Outra alteração importante é que no lucro exterior, a MP extende a tributação automática para pessoa física. Quem faz investimento por meio de empresas localizadas em paraísos fiscais vai passar a tributar o lucro em 31 de dezembro de cada ano pelo imposto de renda pessoa física (tabela progressiva). “É um recolhimento separado que deve ser feito até o último dia útil de dezembro e na hora de fazer a declaração de ajuste anual deve-se contar tanto esse lucro quando o imposto pago na declaração de ajuste”, afirma Ana Cláudia.
O que ocorre hoje é que quando é feito investimento no exterior, se o investimento foi feito diretamente como pessoa física em aplicação financeira, todas as vezes em que houver movimentação na aplicação financeira, deve ser tributado. Se o investimento fosse feito por meio de uma empresa que tem as aplicações financeiras, ocorria o efeito portfólio, ou seja, era possível compensar lucros e perdas e também diferir a tributação para o momento em que se distribui esses dividendos.
Agora, com a medida provisória, não há mais esse diferimento.
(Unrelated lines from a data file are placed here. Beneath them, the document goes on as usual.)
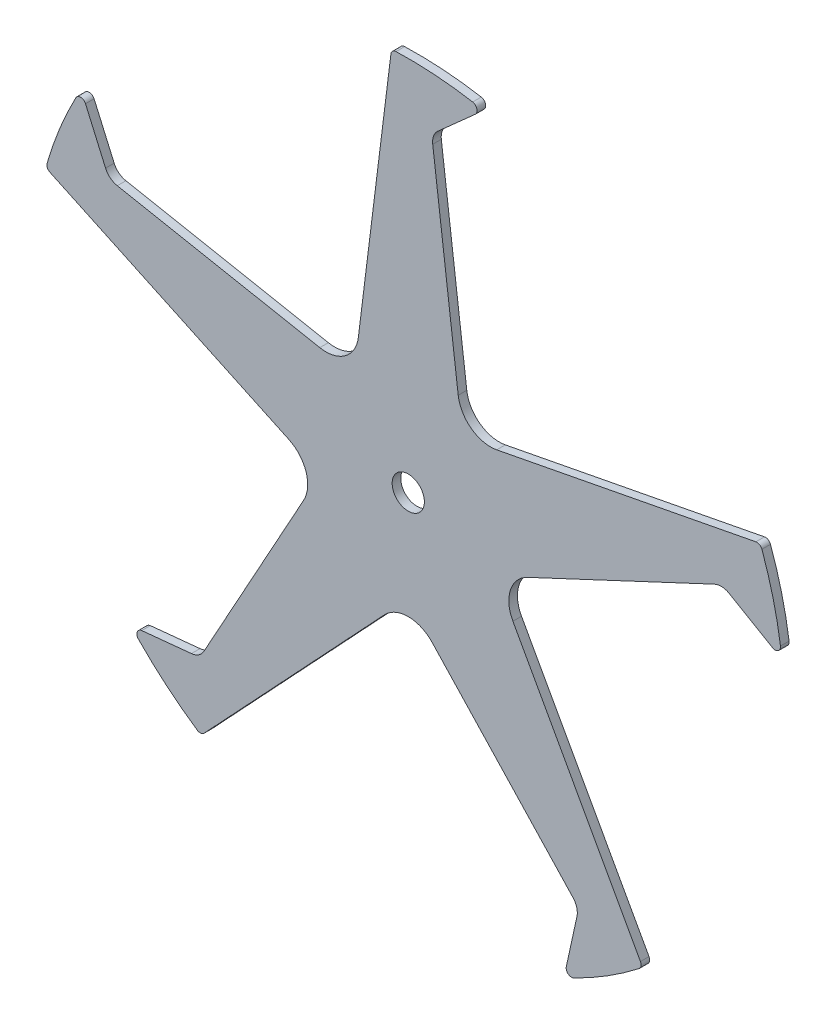
SolidWorks part; units mm, degrees
ref_plane "Front Plane" through (0, 0, 0) normal (0, 0, 1) x (1, 0, 0)
ref_plane "Top Plane" through (0, 0, 0) normal (0, 1, 0) x (1, 0, 0)
ref_plane "Right Plane" through (0, 0, 0) normal (1, 0, 0) x (0, 0, -1)
sketch "Sketch1" plane through (0, 0, 0) normal (0, 0, 1) x (1, 0, 0)
  line L0 (-46.4905, 101.7221) -> (-16.1451, 345.4365)
  line L1 (46.4905, 101.7221) -> (22.7757, 292.1841)
  line L2 (0, -284.2155) -> (0, 291.5871) construction
  line L3 (21.8025, 300) -> (-21.8025, 300) construction
  line L4 (82.3771, 75.649) -> (323.5405, 122.1007)
  line L5 (111.1098, -12.7813) -> (284.9216, 68.6289)
  line L6 (298.854, 67.9948) -> (339.0018, 44.5257)
  line L7 (292.0543, 71.9697) -> (278.5796, 113.4405) construction
  line L8 (97.4024, -54.9684) -> (216.1041, -269.9741)
  line L9 (22.1791, -109.6213) -> (153.3156, -249.7691)
  line L10 (157.0179, -263.2155) -> (147.1038, -308.6507)
  line L11 (158.697, -255.5203) -> (193.9742, -229.8899) construction
  line L12 (27.6841, 305.2386) -> (62.4109, 336.1691)
  line L13 (-22.1791, -109.6213) -> (-189.9808, -288.9539)
  line L14 (-97.4024, -54.9684) -> (-190.1674, -222.9947)
  line L15 (-201.8116, -230.6709) -> (-248.0867, -235.2823)
  line L16 (-193.9742, -229.8899) -> (-158.697, -255.5203) construction
  line L17 (-111.1098, -12.7813) -> (-333.5187, 91.3908)
  line L18 (-82.3771, 75.649) -> (-270.8455, 111.9508)
  line L19 (-281.7443, 120.6531) -> (-300.4298, 163.2382)
  line L20 (-278.5796, 113.4405) -> (-292.0543, 71.9697) construction
  arc A0 (59.9416, 344.8289) -> (-11.3455, 349.8161) centre (0, 0) ccw
  circle A1 centre (0, 0) radius 100 construction
  arc A2 (27.6841, 305.2386) -> (22.7757, 292.1841) centre (37.6608, 294.0374) ccw
  circle A3 centre (0, 0) radius 350 construction
  arc A4 (59.9416, 344.8289) -> (62.4109, 336.1691) centre (59.0853, 339.9028) cw
  arc A5 (-11.3455, 349.8161) -> (-16.1451, 345.4365) centre (-11.1834, 344.8187) ccw
  arc A6 (346.4748, 49.5501) -> (329.1889, 118.8893) centre (0, 0) ccw
  arc A7 (298.854, 67.9948) -> (284.9216, 68.6289) centre (291.284, 55.0451) ccw
  arc A8 (346.4748, 49.5501) -> (339.0018, 44.5257) centre (341.5252, 48.8423) cw
  arc A9 (329.1889, 118.8893) -> (323.5405, 122.1007) centre (324.4862, 117.1909) ccw
  arc A10 (154.1916, -314.2053) -> (214.7954, -276.3384) centre (0, 0) ccw
  arc A11 (157.0179, -263.2155) -> (153.3156, -249.7691) centre (142.3627, -260.0177) ccw
  arc A12 (154.1916, -314.2053) -> (147.1038, -308.6507) centre (151.9888, -309.7166) cw
  arc A13 (214.7954, -276.3384) -> (216.1041, -269.9741) centre (211.7269, -272.3907) ccw
  arc A14 (-251.1792, -243.7397) -> (-196.438, -289.6759) centre (0, 0) ccw
  arc A15 (-201.8116, -230.6709) -> (-190.1674, -222.9947) centre (-203.2991, -215.7448) ccw
  arc A16 (-251.1792, -243.7397) -> (-248.0867, -235.2823) centre (-247.5909, -240.2577) cw
  arc A17 (-196.438, -289.6759) -> (-189.9808, -288.9539) centre (-193.6318, -285.5376) ccw
  arc A18 (-309.4288, 163.5659) -> (-336.2008, 97.3089) centre (0, 0) ccw
  arc A19 (-281.7443, 120.6531) -> (-270.8455, 111.9508) centre (-268.0084, 126.6801) ccw
  arc A20 (-309.4288, 163.5659) -> (-300.4298, 163.2382) centre (-305.0084, 161.2292) cw
  arc A21 (-336.2008, 97.3089) -> (-333.5187, 91.3908) centre (-331.3979, 95.9188) ccw
  arc A22 (82.3771, 75.649) -> (46.4905, 101.7221) centre (76.6321, 105.4751) cw
  arc A23 (97.4024, -54.9684) -> (111.1098, -12.7813) centre (123.9934, -40.2879) cw
  arc A24 (-22.1791, -109.6213) -> (22.1791, -109.6213) centre (0, -130.3744) cw
  arc A25 (-111.1098, -12.7813) -> (-97.4024, -54.9684) centre (-123.9934, -40.2879) cw
  arc A26 (-46.4905, 101.7221) -> (-82.3771, 75.649) centre (-76.6321, 105.4751) cw
  circle A27 centre (0, 0) radius 15
  point P16 (70, 342.9286)
  point P19 (-15.6203, 349.6513)
  point P39 (50.5014, 69.5092)
  point P69 (0, -85.9181)
  point P84 (-50.5014, 69.5092)
  dimension "D2" = 700
  dimension "D3" = 200
  dimension "D5" = 70
  dimension "D6" = 30.3744
  dimension "D8" = 5
  dimension "D9" = 30
  dimension "D1" = 50
  dimension "D4" = 43.605
extrude "Linear austragen1" add sketch "Sketch1" along normal blind 8
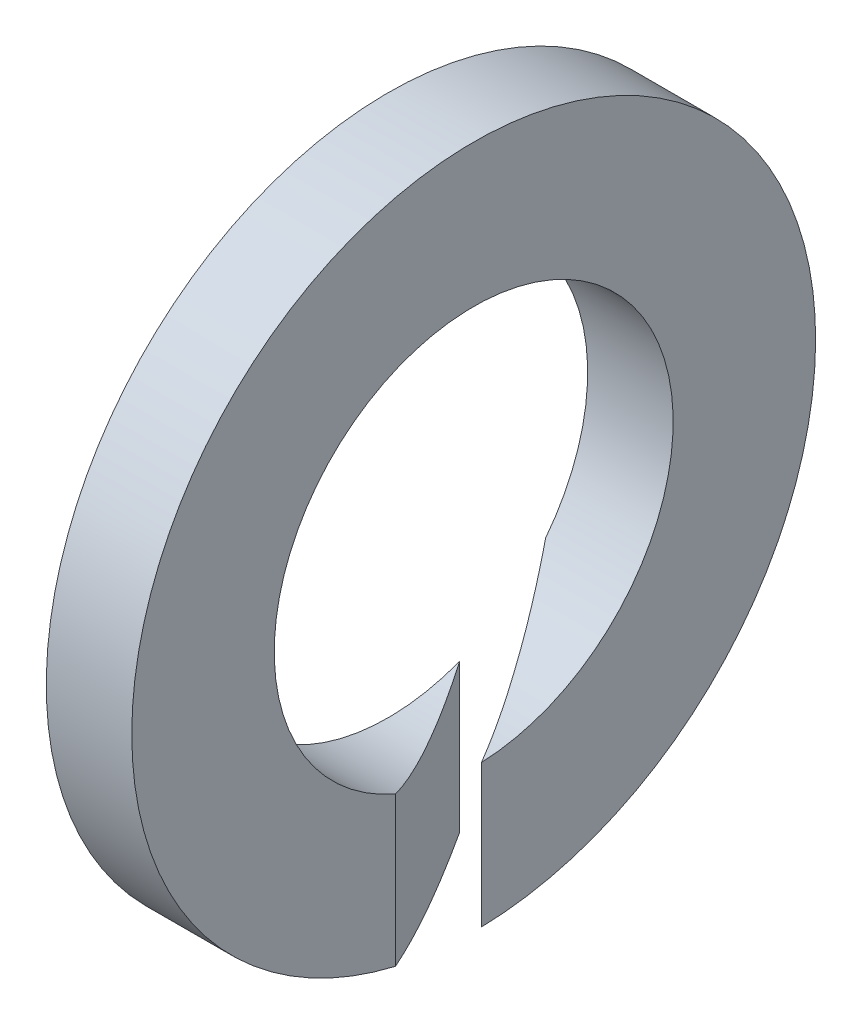
SolidWorks part; units mm, degrees
ref_plane "Front" through (0, 0, 0) normal (0, 0, 1) x (1, 0, 0)
ref_plane "Top" through (0, 0, 0) normal (0, 1, 0) x (1, 0, 0)
ref_plane "Right" through (0, 0, 0) normal (1, 0, 0) x (0, 0, -1)
sketch "Sketch1" plane through (0, 0, 0) normal (0, 0, 1) x (1, 0, 0)
  line L0 (0, 0) -> (25.3434, 0) construction
  line L1 (12.4826, 7) -> (15.4826, 7)
  line L2 (12.4826, 7) -> (12.4826, 12)
  line L3 (12.4826, 12) -> (15.4826, 12)
  line L4 (15.4826, 7) -> (15.4826, 12)
  dimension "D1" = 5
  dimension "D2" = 7
  dimension "D3" = 3
revolve "Revolve1" add sketch "Sketch1" angle 360 about L0
sketch "Sketch3" plane through (0, 0, 0) normal (0, 1, 0) x (1, 0, 0)
  line L0 (7.6947, 13.9028) -> (23.9536, -14.5502)
  line L1 (23.9536, -14.5502) -> (22.6533, -15.2932)
  line L2 (22.6533, -15.2932) -> (5.9698, 13.9028)
  line L3 (5.9698, 13.9028) -> (7.6947, 13.9028)
  dimension "D1" = 1.4977
extrude "Cut-Extrude1" cut sketch "Sketch3" against normal up to next
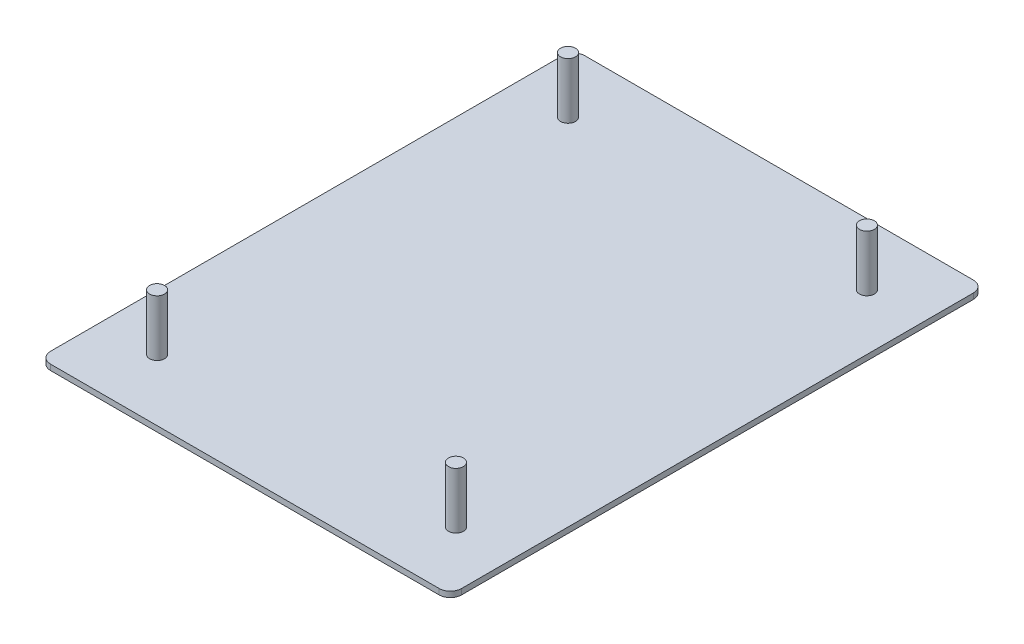
from build123d import *

# Parameters (mm, degrees)
SKETCH_1_W      = 110
SKETCH_1_H      = 143
EXTRUDE_1_DEPTH = 1.5
FILLET_1_R      = 3
SKETCH_2_R      = 2
EXTRUDE_2_DEPTH = 15


with BuildPart() as part:
    # 草图1 → 凸台-拉伸1 (new body)
    with BuildSketch(Plane(origin=(0, 0, 0), x_dir=(1, 0, 0), z_dir=(0, 1, 0))):
        with Locations((55, 71.5)):
            Rectangle(SKETCH_1_W, SKETCH_1_H)
    extrude(amount=EXTRUDE_1_DEPTH)

    # 圆角1
    fillet_1_edges = [part.edges().sort_by_distance(p)[0] for p in [
        (0, 0.75, -143),
        (110, 0.75, -143),
        (110, 0.75, 0),
        (0, 0.75, 0),
    ]]
    fillet(fillet_1_edges, radius=FILLET_1_R)

    # 草图2 → 凸台-拉伸2 (add)
    with BuildSketch(Plane(origin=(0, 1.5, 0), x_dir=(1, 0, 0), z_dir=(0, 1, 0))):
        with Locations(Location((15, 126.5, 0), (0, 0, 90))):
            Circle(SKETCH_2_R)
        with Locations(Location((95, 16.5, 0), (0, 0, 90))):
            Circle(SKETCH_2_R)
        with Locations(Location((15, 16.5, 0), (0, 0, 90))):
            Circle(SKETCH_2_R)
        with Locations(Location((95, 126.5, 0), (0, 0, 90))):
            Circle(SKETCH_2_R)
    extrude(amount=EXTRUDE_2_DEPTH)


solid = part.part
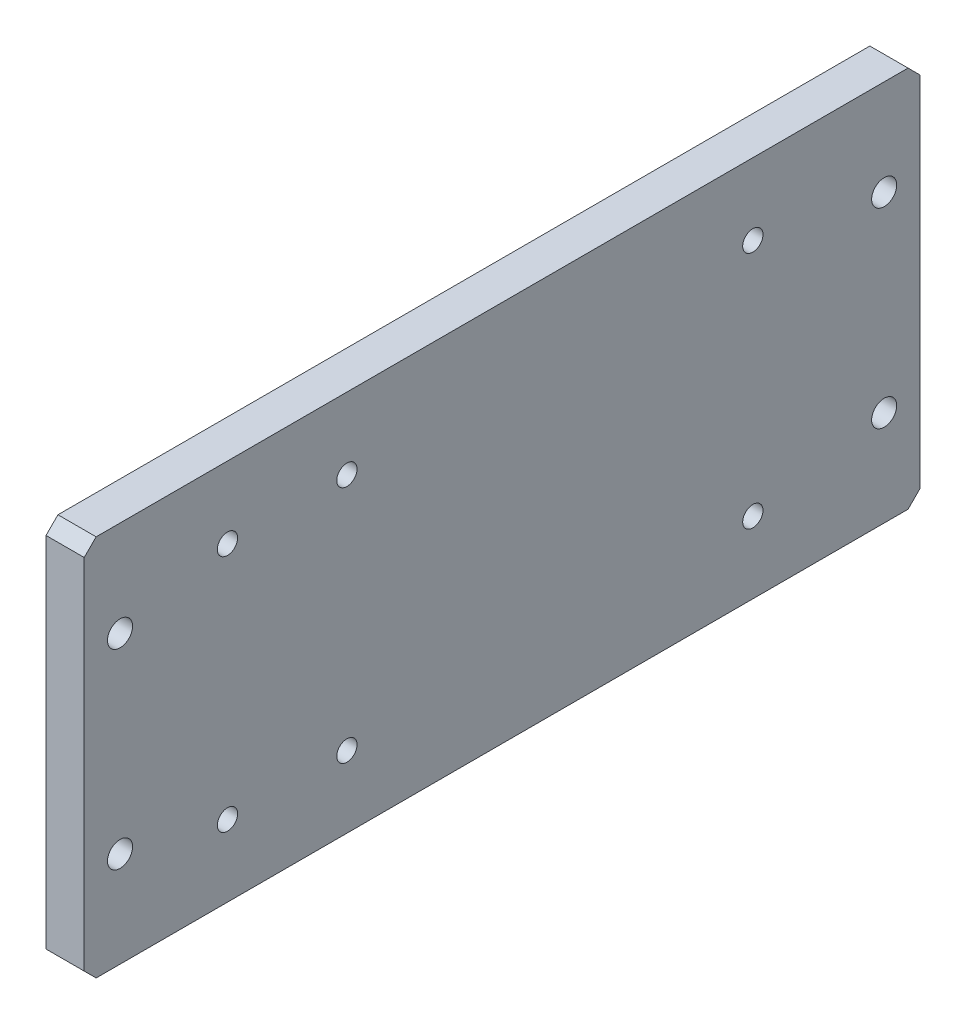
from build123d import *

# Parameters (mm, degrees)
SKETCH_1_W                = 350
SKETCH_1_H                = 160
EXTRUDE_1_DEPTH           = 16
HOLE_WIZARD_M10_1_D       = 8.5
HOLE_WIZARD_10_5_10_5_1_D = 10.5
CHAMFER_1_SIZE            = 5


with BuildPart() as part:
    # 草图1 → 凸台-拉伸1 (new body)
    with BuildSketch(Plane(origin=(0, 0, 0), x_dir=(0, 0, -1), z_dir=(1, 0, 0))):
        Rectangle(SKETCH_1_W, SKETCH_1_H)
    extrude(amount=EXTRUDE_1_DEPTH)

    # M10 螺纹孔1 (through all)
    with Locations(Plane(origin=(16, 0, 0), x_dir=(0, 0, -1), z_dir=(1, 0, 0))):
        with Locations((-115, 50), (-115, -50), (105, 50), (105, -50), (-65, 50), (-65, -50)):
            Hole(HOLE_WIZARD_M10_1_D / 2)

    # Ø10.5 (10.5) 直径孔1 (through all)
    with Locations(Plane.ZY):
        with Locations((-160, 40), (-160, -40), (160, 40), (160, -40)):
            Hole(HOLE_WIZARD_10_5_10_5_1_D / 2)

    # 倒角1
    chamfer_1_edges = [part.edges().sort_by_distance(p)[0] for p in [
        (8, -80, -175),
        (8, -80, 175),
        (8, 80, 175),
        (8, 80, -175),
    ]]
    chamfer(chamfer_1_edges, length=CHAMFER_1_SIZE)


solid = part.part

Em 31 de dezembro de cada ano, vai ter de pagar imposto sobre o lucro auferido por meio dessa empresa no exterior.
O diferimento de cinco anos para pagar imposto sobre lucros no exterior só está disponível se a empresa desistir de qualquer processo administrativo e judiciais sobre a matéria que tiver contra a Receita Federal. Ana Cláudia considera a condição abusiva. “Uma coisa é impor a desistência de briga quando for oferecida uma anistia para pagar o passado. Outra coisa é ter o novo regime para pagamento de tributo e disponibilizar esse novo regime só para quem desistir de brigas passadas. Então afronta o tratamento isonômico entre contribuintes em situação contribuinte. O fato de um contribuinte estar discutindo o passado não significa que ele vai deixar de pagar o futuro conforme a nova legislação. Se eu não desistir das brigas passadas, eu vou ter de continuar pagando imposto em 31 de dezembro de cada ano”, reclama.